And like that Moon could feel herself shrinking and flattening like a tiny, tiny pancake, as the world around them appeared to grow larger and larger. Soon they were completely two-dimensional beings, floating about with all the other two-dimensional shapes. It was hard for Moon's eyes – so used to width and depth – to adjust to seeing the world from this perspective. All she could discern at first were line segments, one of which was darker and taller than the rest and standing about as close as her lizard companion was before they transformed.

"Is that you?" she asked, reaching out with one scarily-flat hand towards the line segment.

"Yes, it's me," he answered. "And I should probably say well done, nothing seems to have gone wrong with this spell. Also that's my nose."

Moon moved her hand back. "Sorry. So now that we're here inside this flat dimension, do you maybe want to look around?"

"Around not being a concept these people recognize," he replied. "I'd just as soon find another dimension if it's all the same to you."

It was then that Moon felt a tap on her other side, and she moved her eyes (which was about all she could do, not being able to turn her head) to see another line, this one shorter and red. She took this to be one of the two-dimensional shapes that she saw crowding around them from above.

Right, they had been surrounded by shapes, and it stood to reason that they still were.

"Um, hello," she greeted the red line with some degree of uncertainty.

"Excuse me," the line said. "But did I hear you call this world a 'flat land'?"

"Uh... yes?" Moon answered, unsure now if she had insulted their dimension on accident.

The red line then called out loudly, Moon assumed to the crowd. "There you have it, two more believers of my theory! These irregular shapes believe – like me – that our world is flat!"

"Preposterous," called a circle from the crowd that Moon could only barely make out (as her eyes adjusted to two dimensions,she began to differentiate the different shaped from one another)

"Here here," agreed another. "Keep your crackpot theories to your three-sided friends, triangle."

"And do you really expect us to believe a couple of irregular shapes?" yet another shape cried. "Call for their removal, their asymmetry is hurting my eyes."

"Asymmetry?" Moon scoffed. "I'll have you know that my family is known for their facial symmetry."

"I think the word 'removal' should be the more pressing word, here, princess" her companion commented.

"He's right," said the red triangle that had spoken out and was still beside them. "They've already called for the octagons."

And sure enough, the crowd was parting up and down to let through several very large and surly looking octagons.

Things were escalating quickly, and Moon was starting to think she had had enough of this particular adventure.

"Okay, I'm ready whenever you are with those scissors," she called to the lizard, but it seemed as though he had the same idea she had.

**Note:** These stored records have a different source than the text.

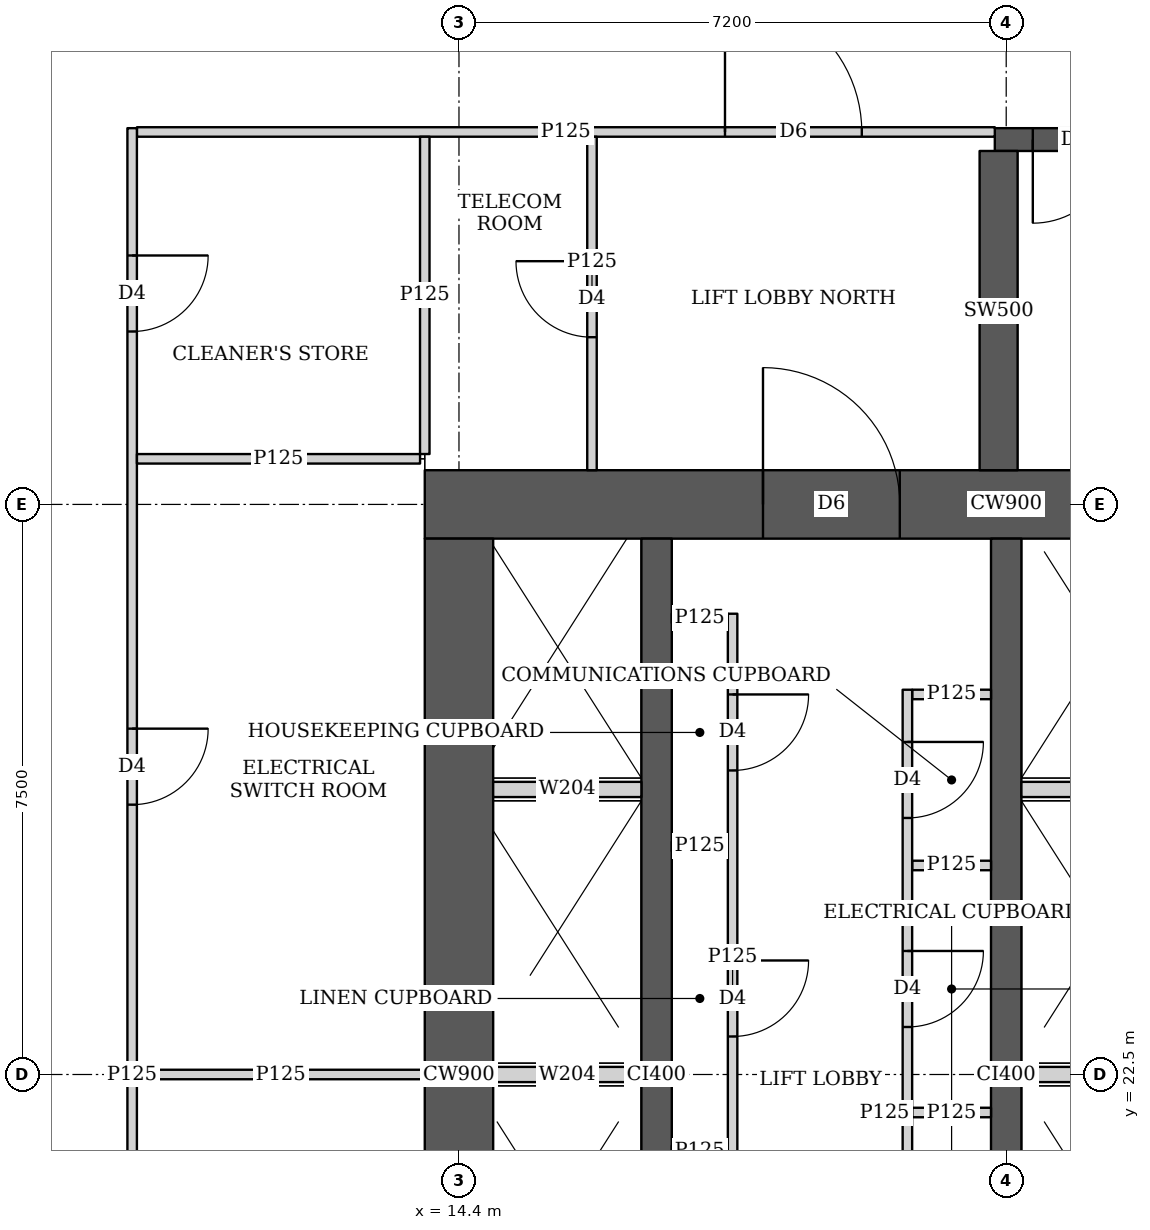
"""IFC4 building model, lengths in metres.
Left out: names, types, materials, properties, quantities, classifications, styles, units other than length and angle.
Written with IfcOpenShell. Run it as: python <this file> out.ifc"""

import sys

from ifc_helpers import new_model, si_unit, direction, frame, frame_2d, origin, place, context, subcontext, project, spatial, rectangle, extrude, element, fill, save


model = new_model("IFC4")
c1 = context("Model", 3, precision=1e-05, world=origin(), true_north=direction((0.0, 1.0)))
c2 = subcontext(c1, "Body", "Model", "MODEL_VIEW")
j1 = project(units=[si_unit("LENGTHUNIT", "METRE"), si_unit("PLANEANGLEUNIT", "RADIAN")], contexts=[c1])
p1 = place(None, origin())
s1 = spatial("IfcSite", under=j1, at=p1, CompositionType="ELEMENT")
p2 = place(p1, origin())
s2 = spatial("IfcBuilding", under=s1, at=p2, CompositionType="ELEMENT")
p3 = place(p2, frame((0.0, 0.0, 14.6)))
s3 = spatial("IfcBuildingStorey", under=s2, at=p3, CompositionType="ELEMENT", Elevation=14.6)
p4 = place(p3, frame((13.95, 30.0, 0.0), z_axis=(0.0, 0.0, 1.0), x_axis=(1.0, 0.0, 0.0)))
e1 = element("IfcWall", 1, at=p4, inside=s3, PredefinedType="SHEAR", context=c2, shape_type="SweptSolid", body=[
    extrude(rectangle(XDim=15.3, YDim=0.9, at=frame_2d((7.65, 0.0))), origin(), (0.0, 0.0, 1.0), 5.4),
])
p5 = place(p4, frame((4.45, 0.0, 0.0)))
e2 = element("IfcOpeningElement", 2, at=p5, cuts=e1, PredefinedType="OPENING", context=c2, shape_type="SweptSolid", body=[
    extrude(rectangle(XDim=1.8, YDim=2.1, at=frame_2d((0.9, 1.05))), frame((0.0, 0.46, 0.0), z_axis=(0.0, -1.0, 0.0), x_axis=(1.0, 0.0, 0.0)), (0.0, 0.0, 1.0), 0.92),
])
p6 = place(p4, frame((10.7, 0.0, 0.0)))
e3 = element("IfcOpeningElement", 3, at=p6, cuts=e1, PredefinedType="OPENING", context=c2, shape_type="SweptSolid", body=[
    extrude(rectangle(XDim=1.1, YDim=2.1, at=frame_2d((0.55, 1.05))), frame((0.0, 0.46, 0.0), z_axis=(0.0, -1.0, 0.0), x_axis=(1.0, 0.0, 0.0)), (0.0, 0.0, 1.0), 0.92),
])
p7 = place(p3, frame((14.4, 15.45, 0.0), z_axis=(0.0, 0.0, 1.0), x_axis=(0.0, 1.0, 0.0)))
e4 = element("IfcWall", 4, at=p7, inside=s3, PredefinedType="SHEAR", context=c2, shape_type="SweptSolid", body=[
    extrude(rectangle(XDim=14.1, YDim=0.9, at=frame_2d((7.05, 0.0))), origin(), (0.0, 0.0, 1.0), 5.4),
])
for number, where, z_axis, x_axis in (
    (5, (17.0, 15.45, 0.0), (0.0, 0.0, 1.0), (0.0, 1.0, 0.0)),
    (6, (21.6, 15.45, 0.0), (0.0, 0.0, 1.0), (0.0, 1.0, 0.0)),
):
    element("IfcWall", number, at=place(p3, frame(where, z_axis=z_axis, x_axis=x_axis)), inside=s3, PredefinedType="SHEAR", context=c2, shape_type="SweptSolid", body=[
        extrude(rectangle(XDim=14.1, YDim=0.4, at=frame_2d((7.05, 0.0))), origin(), (0.0, 0.0, 1.0), 5.4),
    ])
p8 = place(p3, frame((21.45, 34.8, 0.0), z_axis=(0.0, 0.0, 1.0), x_axis=(1.0, 0.0, 0.0)))
e7 = element("IfcWall", 7, at=p8, inside=s3, PredefinedType="SHEAR", context=c2, shape_type="SweptSolid", body=[
    extrude(rectangle(XDim=7.5, YDim=0.3, at=frame_2d((3.75, 0.0))), origin(), (0.0, 0.0, 1.0), 5.4),
])
p9 = place(p8, frame((0.5, 0.0, 0.0)))
e8 = element("IfcOpeningElement", 8, at=p9, cuts=e7, PredefinedType="OPENING", context=c2, shape_type="SweptSolid", body=[
    extrude(rectangle(XDim=1.1, YDim=2.1, at=frame_2d((0.55, 1.05))), frame((0.0, 0.16, 0.0), z_axis=(0.0, -1.0, 0.0), x_axis=(1.0, 0.0, 0.0)), (0.0, 0.0, 1.0), 0.32),
])
p10 = place(p3, frame((21.5, 30.45, 0.0), z_axis=(0.0, 0.0, 1.0), x_axis=(0.0, 1.0, 0.0)))
e9 = element("IfcWall", 9, at=p10, inside=s3, PredefinedType="SHEAR", context=c2, shape_type="SweptSolid", body=[
    extrude(rectangle(XDim=4.2, YDim=0.5, at=frame_2d((2.1, 0.0))), origin(), (0.0, 0.0, 1.0), 5.4),
])
p11 = place(p3, frame((10.1, 10.05, 0.0), z_axis=(0.0, 0.0, 1.0), x_axis=(0.0, 1.0, 0.0)))
e10 = element("IfcWall", 10, at=p11, inside=s3, PredefinedType="PARTITIONING", context=c2, shape_type="SweptSolid", body=[
    extrude(rectangle(XDim=24.9, YDim=0.125, at=frame_2d((12.45, 0.0))), origin(), (0.0, 0.0, 1.0), 3.5),
])
p12 = place(p11, frame((1.675, 0.0, 0.0)))
e11 = element("IfcOpeningElement", 11, at=p12, cuts=e10, PredefinedType="OPENING", context=c2, shape_type="SweptSolid", body=[
    extrude(rectangle(XDim=1.0, YDim=2.1, at=frame_2d((0.5, 1.05))), frame((0.0, 0.073, 0.0), z_axis=(0.0, -1.0, 0.0), x_axis=(1.0, 0.0, 0.0)), (0.0, 0.0, 1.0), 0.145),
])
p13 = place(p11, frame((7.9, 0.0, 0.0)))
e12 = element("IfcOpeningElement", 12, at=p13, cuts=e10, PredefinedType="OPENING", context=c2, shape_type="SweptSolid", body=[
    extrude(rectangle(XDim=1.0, YDim=2.1, at=frame_2d((0.5, 1.05))), frame((0.0, 0.073, 0.0), z_axis=(0.0, -1.0, 0.0), x_axis=(1.0, 0.0, 0.0)), (0.0, 0.0, 1.0), 0.145),
])
p14 = place(p11, frame((16.0, 0.0, 0.0)))
e13 = element("IfcOpeningElement", 13, at=p14, cuts=e10, PredefinedType="OPENING", context=c2, shape_type="SweptSolid", body=[
    extrude(rectangle(XDim=1.0, YDim=2.1, at=frame_2d((0.5, 1.05))), frame((0.0, 0.073, 0.0), z_axis=(0.0, -1.0, 0.0), x_axis=(1.0, 0.0, 0.0)), (0.0, 0.0, 1.0), 0.145),
])
p15 = place(p11, frame((22.225, 0.0, 0.0)))
e14 = element("IfcOpeningElement", 14, at=p15, cuts=e10, PredefinedType="OPENING", context=c2, shape_type="SweptSolid", body=[
    extrude(rectangle(XDim=1.0, YDim=2.1, at=frame_2d((0.5, 1.05))), frame((0.0, 0.073, 0.0), z_axis=(0.0, -1.0, 0.0), x_axis=(1.0, 0.0, 0.0)), (0.0, 0.0, 1.0), 0.145),
])
p16 = place(p3, frame((10.163, 22.5, 0.0), z_axis=(0.0, 0.0, 1.0), x_axis=(1.0, 0.0, 0.0)))
e15 = element("IfcWall", 15, at=p16, inside=s3, PredefinedType="PARTITIONING", context=c2, shape_type="SweptSolid", body=[
    extrude(rectangle(XDim=3.787, YDim=0.125, at=frame_2d((1.894, 0.0))), origin(), (0.0, 0.0, 1.0), 3.5),
])
p17 = place(p3, frame((10.163, 30.6, 0.0), z_axis=(0.0, 0.0, 1.0), x_axis=(1.0, 0.0, 0.0)))
e16 = element("IfcWall", 16, at=p17, inside=s3, PredefinedType="PARTITIONING", context=c2, shape_type="SweptSolid", body=[
    extrude(rectangle(XDim=3.725, YDim=0.125, at=frame_2d((1.862, 0.0))), origin(), (0.0, 0.0, 1.0), 3.5),
])
p18 = place(p3, frame((13.95, 30.663, 0.0), z_axis=(0.0, 0.0, 1.0), x_axis=(0.0, 1.0, 0.0)))
e17 = element("IfcWall", 17, at=p18, inside=s3, PredefinedType="PARTITIONING", context=c2, shape_type="SweptSolid", body=[
    extrude(rectangle(XDim=4.174, YDim=0.125, at=frame_2d((2.087, 0.0))), origin(), (0.0, 0.0, 1.0), 3.5),
])
p19 = place(p3, frame((10.163, 34.9, 0.0), z_axis=(0.0, 0.0, 1.0), x_axis=(1.0, 0.0, 0.0)))
e18 = element("IfcWall", 18, at=p19, inside=s3, PredefinedType="PARTITIONING", context=c2, shape_type="SweptSolid", body=[
    extrude(rectangle(XDim=11.287, YDim=0.125, at=frame_2d((5.644, 0.0))), origin(), (0.0, 0.0, 1.0), 3.1),
])
p20 = place(p19, frame((7.737, 0.0, 0.0)))
e19 = element("IfcOpeningElement", 19, at=p20, cuts=e18, PredefinedType="OPENING", context=c2, shape_type="SweptSolid", body=[
    extrude(rectangle(XDim=1.8, YDim=2.1, at=frame_2d((0.9, 1.05))), frame((0.0, 0.073, 0.0), z_axis=(0.0, -1.0, 0.0), x_axis=(1.0, 0.0, 0.0)), (0.0, 0.0, 1.0), 0.145),
])
p21 = place(p3, frame((16.15, 30.45, 0.0), z_axis=(0.0, 0.0, 1.0), x_axis=(0.0, 1.0, 0.0)))
e20 = element("IfcWall", 20, at=p21, inside=s3, PredefinedType="PARTITIONING", context=c2, shape_type="SweptSolid", body=[
    extrude(rectangle(XDim=4.387, YDim=0.125, at=frame_2d((2.193, 0.0))), origin(), (0.0, 0.0, 1.0), 5.1),
])
p22 = place(p21, frame((1.75, 0.0, 0.0)))
e21 = element("IfcOpeningElement", 21, at=p22, cuts=e20, PredefinedType="OPENING", context=c2, shape_type="SweptSolid", body=[
    extrude(rectangle(XDim=1.0, YDim=2.1, at=frame_2d((0.5, 1.05))), frame((0.0, 0.073, 0.0), z_axis=(0.0, -1.0, 0.0), x_axis=(1.0, 0.0, 0.0)), (0.0, 0.0, 1.0), 0.145),
])
p23 = place(p3, frame((20.3, 16.438, 0.0), z_axis=(0.0, 0.0, 1.0), x_axis=(0.0, 1.0, 0.0)))
e22 = element("IfcWall", 22, at=p23, inside=s3, PredefinedType="PARTITIONING", context=c2, shape_type="SweptSolid", body=[
    extrude(rectangle(XDim=11.124, YDim=0.125, at=frame_2d((5.562, 0.0))), origin(), (0.0, 0.0, 1.0), 5.1),
])
p24 = place(p23, frame((0.937, 0.0, 0.0)))
e23 = element("IfcOpeningElement", 23, at=p24, cuts=e22, PredefinedType="OPENING", context=c2, shape_type="SweptSolid", body=[
    extrude(rectangle(XDim=1.0, YDim=2.1, at=frame_2d((0.5, 1.05))), frame((0.0, 0.073, 0.0), z_axis=(0.0, -1.0, 0.0), x_axis=(1.0, 0.0, 0.0)), (0.0, 0.0, 1.0), 0.145),
])
p25 = place(p23, frame((3.687, 0.0, 0.0)))
e24 = element("IfcOpeningElement", 24, at=p25, cuts=e22, PredefinedType="OPENING", context=c2, shape_type="SweptSolid", body=[
    extrude(rectangle(XDim=1.0, YDim=2.1, at=frame_2d((0.5, 1.05))), frame((0.0, 0.073, 0.0), z_axis=(0.0, -1.0, 0.0), x_axis=(1.0, 0.0, 0.0)), (0.0, 0.0, 1.0), 0.145),
])
p26 = place(p23, frame((6.687, 0.0, 0.0)))
e25 = element("IfcOpeningElement", 25, at=p26, cuts=e22, PredefinedType="OPENING", context=c2, shape_type="SweptSolid", body=[
    extrude(rectangle(XDim=1.0, YDim=2.1, at=frame_2d((0.5, 1.05))), frame((0.0, 0.073, 0.0), z_axis=(0.0, -1.0, 0.0), x_axis=(1.0, 0.0, 0.0)), (0.0, 0.0, 1.0), 0.145),
])
p27 = place(p23, frame((9.437, 0.0, 0.0)))
e26 = element("IfcOpeningElement", 26, at=p27, cuts=e22, PredefinedType="OPENING", context=c2, shape_type="SweptSolid", body=[
    extrude(rectangle(XDim=1.0, YDim=2.1, at=frame_2d((0.5, 1.05))), frame((0.0, 0.073, 0.0), z_axis=(0.0, -1.0, 0.0), x_axis=(1.0, 0.0, 0.0)), (0.0, 0.0, 1.0), 0.145),
])
for number, where, z_axis, x_axis in (
    (27, (20.363, 27.5, 0.0), (0.0, 0.0, 1.0), (1.0, 0.0, 0.0)),
    (28, (20.363, 22.0, 0.0), (0.0, 0.0, 1.0), (1.0, 0.0, 0.0)),
    (29, (20.363, 25.25, 0.0), (0.0, 0.0, 1.0), (1.0, 0.0, 0.0)),
):
    element("IfcWall", number, at=place(p3, frame(where, z_axis=z_axis, x_axis=x_axis)), inside=s3, PredefinedType="PARTITIONING", context=c2, shape_type="SweptSolid", body=[
        extrude(rectangle(XDim=1.037, YDim=0.125, at=frame_2d((0.519, 0.0))), origin(), (0.0, 0.0, 1.0), 5.1),
    ])
p28 = place(p3, frame((18.0, 28.562, 0.0), z_axis=(0.0, 0.0, 1.0), x_axis=(0.0, -1.0, 0.0)))
e30 = element("IfcWall", 30, at=p28, inside=s3, PredefinedType="PARTITIONING", context=c2, shape_type="SweptSolid", body=[
    extrude(rectangle(XDim=10.124, YDim=0.125, at=frame_2d((5.062, 0.0))), origin(), (0.0, 0.0, 1.0), 5.1),
])
p29 = place(p28, frame((8.062, 0.0, 0.0)))
e31 = element("IfcOpeningElement", 31, at=p29, cuts=e30, PredefinedType="OPENING", context=c2, shape_type="SweptSolid", body=[
    extrude(rectangle(XDim=1.0, YDim=2.1, at=frame_2d((0.5, 1.05))), frame((0.0, 0.073, 0.0), z_axis=(0.0, -1.0, 0.0), x_axis=(1.0, 0.0, 0.0)), (0.0, 0.0, 1.0), 0.145),
])
p30 = place(p28, frame((4.562, 0.0, 0.0)))
e32 = element("IfcOpeningElement", 32, at=p30, cuts=e30, PredefinedType="OPENING", context=c2, shape_type="SweptSolid", body=[
    extrude(rectangle(XDim=1.0, YDim=2.1, at=frame_2d((0.5, 1.05))), frame((0.0, 0.073, 0.0), z_axis=(0.0, -1.0, 0.0), x_axis=(1.0, 0.0, 0.0)), (0.0, 0.0, 1.0), 0.145),
])
p31 = place(p28, frame((1.062, 0.0, 0.0)))
e33 = element("IfcOpeningElement", 33, at=p31, cuts=e30, PredefinedType="OPENING", context=c2, shape_type="SweptSolid", body=[
    extrude(rectangle(XDim=1.0, YDim=2.1, at=frame_2d((0.5, 1.05))), frame((0.0, 0.073, 0.0), z_axis=(0.0, -1.0, 0.0), x_axis=(1.0, 0.0, 0.0)), (0.0, 0.0, 1.0), 0.145),
])
for number, where, z_axis, x_axis in (
    (34, (17.2, 28.5, 0.0), (0.0, 0.0, 1.0), (1.0, 0.0, 0.0)),
    (35, (17.2, 21.5, 0.0), (0.0, 0.0, 1.0), (1.0, 0.0, 0.0)),
    (36, (17.2, 25.5, 0.0), (0.0, 0.0, 1.0), (1.0, 0.0, 0.0)),
):
    element("IfcWall", number, at=place(p3, frame(where, z_axis=z_axis, x_axis=x_axis)), inside=s3, PredefinedType="PARTITIONING", context=c2, shape_type="SweptSolid", body=[
        extrude(rectangle(XDim=0.738, YDim=0.125, at=frame_2d((0.369, 0.0))), origin(), (0.0, 0.0, 1.0), 5.1),
    ])
p32 = place(p3, frame((14.85, 22.5, 0.0), z_axis=(0.0, 0.0, 1.0), x_axis=(1.0, 0.0, 0.0)))
e37 = element("IfcWall", 37, at=p32, inside=s3, PredefinedType="SOLIDWALL", context=c2, shape_type="SweptSolid", body=[
    extrude(rectangle(XDim=1.95, YDim=0.2, at=frame_2d((0.975, 0.0))), origin(), (0.0, 0.0, 1.0), 5.1),
])
p33 = place(p3, frame((21.8, 22.5, 0.0), z_axis=(0.0, 0.0, 1.0), x_axis=(1.0, 0.0, 0.0)))
e38 = element("IfcWall", 38, at=p33, inside=s3, PredefinedType="SOLIDWALL", context=c2, shape_type="SweptSolid", body=[
    extrude(rectangle(XDim=2.2, YDim=0.2, at=frame_2d((1.1, 0.0))), origin(), (0.0, 0.0, 1.0), 5.1),
])
p34 = place(p3, frame((14.85, 26.25, 0.0), z_axis=(0.0, 0.0, 1.0), x_axis=(1.0, 0.0, 0.0)))
e39 = element("IfcWall", 39, at=p34, inside=s3, PredefinedType="SOLIDWALL", context=c2, shape_type="SweptSolid", body=[
    extrude(rectangle(XDim=1.95, YDim=0.2, at=frame_2d((0.975, 0.0))), origin(), (0.0, 0.0, 1.0), 5.1),
])
p35 = place(p3, frame((21.8, 26.25, 0.0), z_axis=(0.0, 0.0, 1.0), x_axis=(1.0, 0.0, 0.0)))
e40 = element("IfcWall", 40, at=p35, inside=s3, PredefinedType="SOLIDWALL", context=c2, shape_type="SweptSolid", body=[
    extrude(rectangle(XDim=2.2, YDim=0.2, at=frame_2d((1.1, 0.0))), origin(), (0.0, 0.0, 1.0), 5.1),
])
p36 = place(p14, origin())
e41 = element("IfcDoor", 41, at=p36, inside=s3, OperationType="SINGLE_SWING_LEFT", PredefinedType="DOOR", context=c2, shape_type="SweptSolid", body=[
    extrude(rectangle(XDim=1.0, YDim=2.1, at=frame_2d((0.5, 1.05))), frame((0.0, 0.025, 0.0), z_axis=(0.0, -1.0, 0.0), x_axis=(1.0, 0.0, 0.0)), (0.0, 0.0, 1.0), 0.05),
])
fill(e13, e41)
p37 = place(p15, origin())
e42 = element("IfcDoor", 42, at=p37, inside=s3, OperationType="SINGLE_SWING_LEFT", PredefinedType="DOOR", context=c2, shape_type="SweptSolid", body=[
    extrude(rectangle(XDim=1.0, YDim=2.1, at=frame_2d((0.5, 1.05))), frame((0.0, 0.025, 0.0), z_axis=(0.0, -1.0, 0.0), x_axis=(1.0, 0.0, 0.0)), (0.0, 0.0, 1.0), 0.05),
])
fill(e14, e42)
p38 = place(p22, origin())
e43 = element("IfcDoor", 43, at=p38, inside=s3, OperationType="SINGLE_SWING_RIGHT", PredefinedType="DOOR", context=c2, shape_type="SweptSolid", body=[
    extrude(rectangle(XDim=1.0, YDim=2.1, at=frame_2d((0.5, 1.05))), frame((0.0, 0.025, 0.0), z_axis=(0.0, -1.0, 0.0), x_axis=(1.0, 0.0, 0.0)), (0.0, 0.0, 1.0), 0.05),
])
fill(e21, e43)
p39 = place(p20, origin())
e44 = element("IfcDoor", 44, at=p39, inside=s3, OperationType="DOUBLE_DOOR_SINGLE_SWING", PredefinedType="DOOR", context=c2, shape_type="SweptSolid", body=[
    extrude(rectangle(XDim=1.8, YDim=2.1, at=frame_2d((0.9, 1.05))), frame((0.0, 0.025, 0.0), z_axis=(0.0, -1.0, 0.0), x_axis=(1.0, 0.0, 0.0)), (0.0, 0.0, 1.0), 0.05),
])
fill(e19, e44)
p40 = place(p26, origin())
e45 = element("IfcDoor", 45, at=p40, inside=s3, OperationType="SINGLE_SWING_LEFT", PredefinedType="DOOR", context=c2, shape_type="SweptSolid", body=[
    extrude(rectangle(XDim=1.0, YDim=2.1, at=frame_2d((0.5, 1.05))), frame((0.0, 0.025, 0.0), z_axis=(0.0, -1.0, 0.0), x_axis=(1.0, 0.0, 0.0)), (0.0, 0.0, 1.0), 0.05),
])
fill(e25, e45)
p41 = place(p27, origin())
e46 = element("IfcDoor", 46, at=p41, inside=s3, OperationType="SINGLE_SWING_LEFT", PredefinedType="DOOR", context=c2, shape_type="SweptSolid", body=[
    extrude(rectangle(XDim=1.0, YDim=2.1, at=frame_2d((0.5, 1.05))), frame((0.0, 0.025, 0.0), z_axis=(0.0, -1.0, 0.0), x_axis=(1.0, 0.0, 0.0)), (0.0, 0.0, 1.0), 0.05),
])
fill(e26, e46)
p42 = place(p30, origin())
e47 = element("IfcDoor", 47, at=p42, inside=s3, OperationType="SINGLE_SWING_LEFT", PredefinedType="DOOR", context=c2, shape_type="SweptSolid", body=[
    extrude(rectangle(XDim=1.0, YDim=2.1, at=frame_2d((0.5, 1.05))), frame((0.0, 0.025, 0.0), z_axis=(0.0, -1.0, 0.0), x_axis=(1.0, 0.0, 0.0)), (0.0, 0.0, 1.0), 0.05),
])
fill(e32, e47)
p43 = place(p31, origin())
e48 = element("IfcDoor", 48, at=p43, inside=s3, OperationType="SINGLE_SWING_LEFT", PredefinedType="DOOR", context=c2, shape_type="SweptSolid", body=[
    extrude(rectangle(XDim=1.0, YDim=2.1, at=frame_2d((0.5, 1.05))), frame((0.0, 0.025, 0.0), z_axis=(0.0, -1.0, 0.0), x_axis=(1.0, 0.0, 0.0)), (0.0, 0.0, 1.0), 0.05),
])
fill(e33, e48)
p44 = place(p5, origin())
e49 = element("IfcDoor", 49, at=p44, inside=s3, OperationType="DOUBLE_DOOR_SINGLE_SWING", PredefinedType="DOOR", context=c2, shape_type="SweptSolid", body=[
    extrude(rectangle(XDim=1.8, YDim=2.1, at=frame_2d((0.9, 1.05))), frame((0.0, 0.025, 0.0), z_axis=(0.0, -1.0, 0.0), x_axis=(1.0, 0.0, 0.0)), (0.0, 0.0, 1.0), 0.05),
])
fill(e2, e49)
p45 = place(p9, origin())
e50 = element("IfcDoor", 50, at=p45, inside=s3, OperationType="SINGLE_SWING_RIGHT", PredefinedType="DOOR", context=c2, shape_type="SweptSolid", body=[
    extrude(rectangle(XDim=1.1, YDim=2.1, at=frame_2d((0.55, 1.05))), frame((0.0, 0.025, 0.0), z_axis=(0.0, -1.0, 0.0), x_axis=(1.0, 0.0, 0.0)), (0.0, 0.0, 1.0), 0.05),
])
fill(e8, e50)
save(model, sys.argv[1])

Moon heard the tell tale snipping of the scissors, but there was no proceeding sound of a portal being opened, and she didn't see one opening up in front of them (or to the side of them as the case was).

"It's not working,"she heard him say, voice growing frustrated and frantic at the same time. Again she heard the scissors' blades slicing together, but nothing would come of it. "Wait, oh of course. The portal is three dimensional, it needs three dimensions to be able to open."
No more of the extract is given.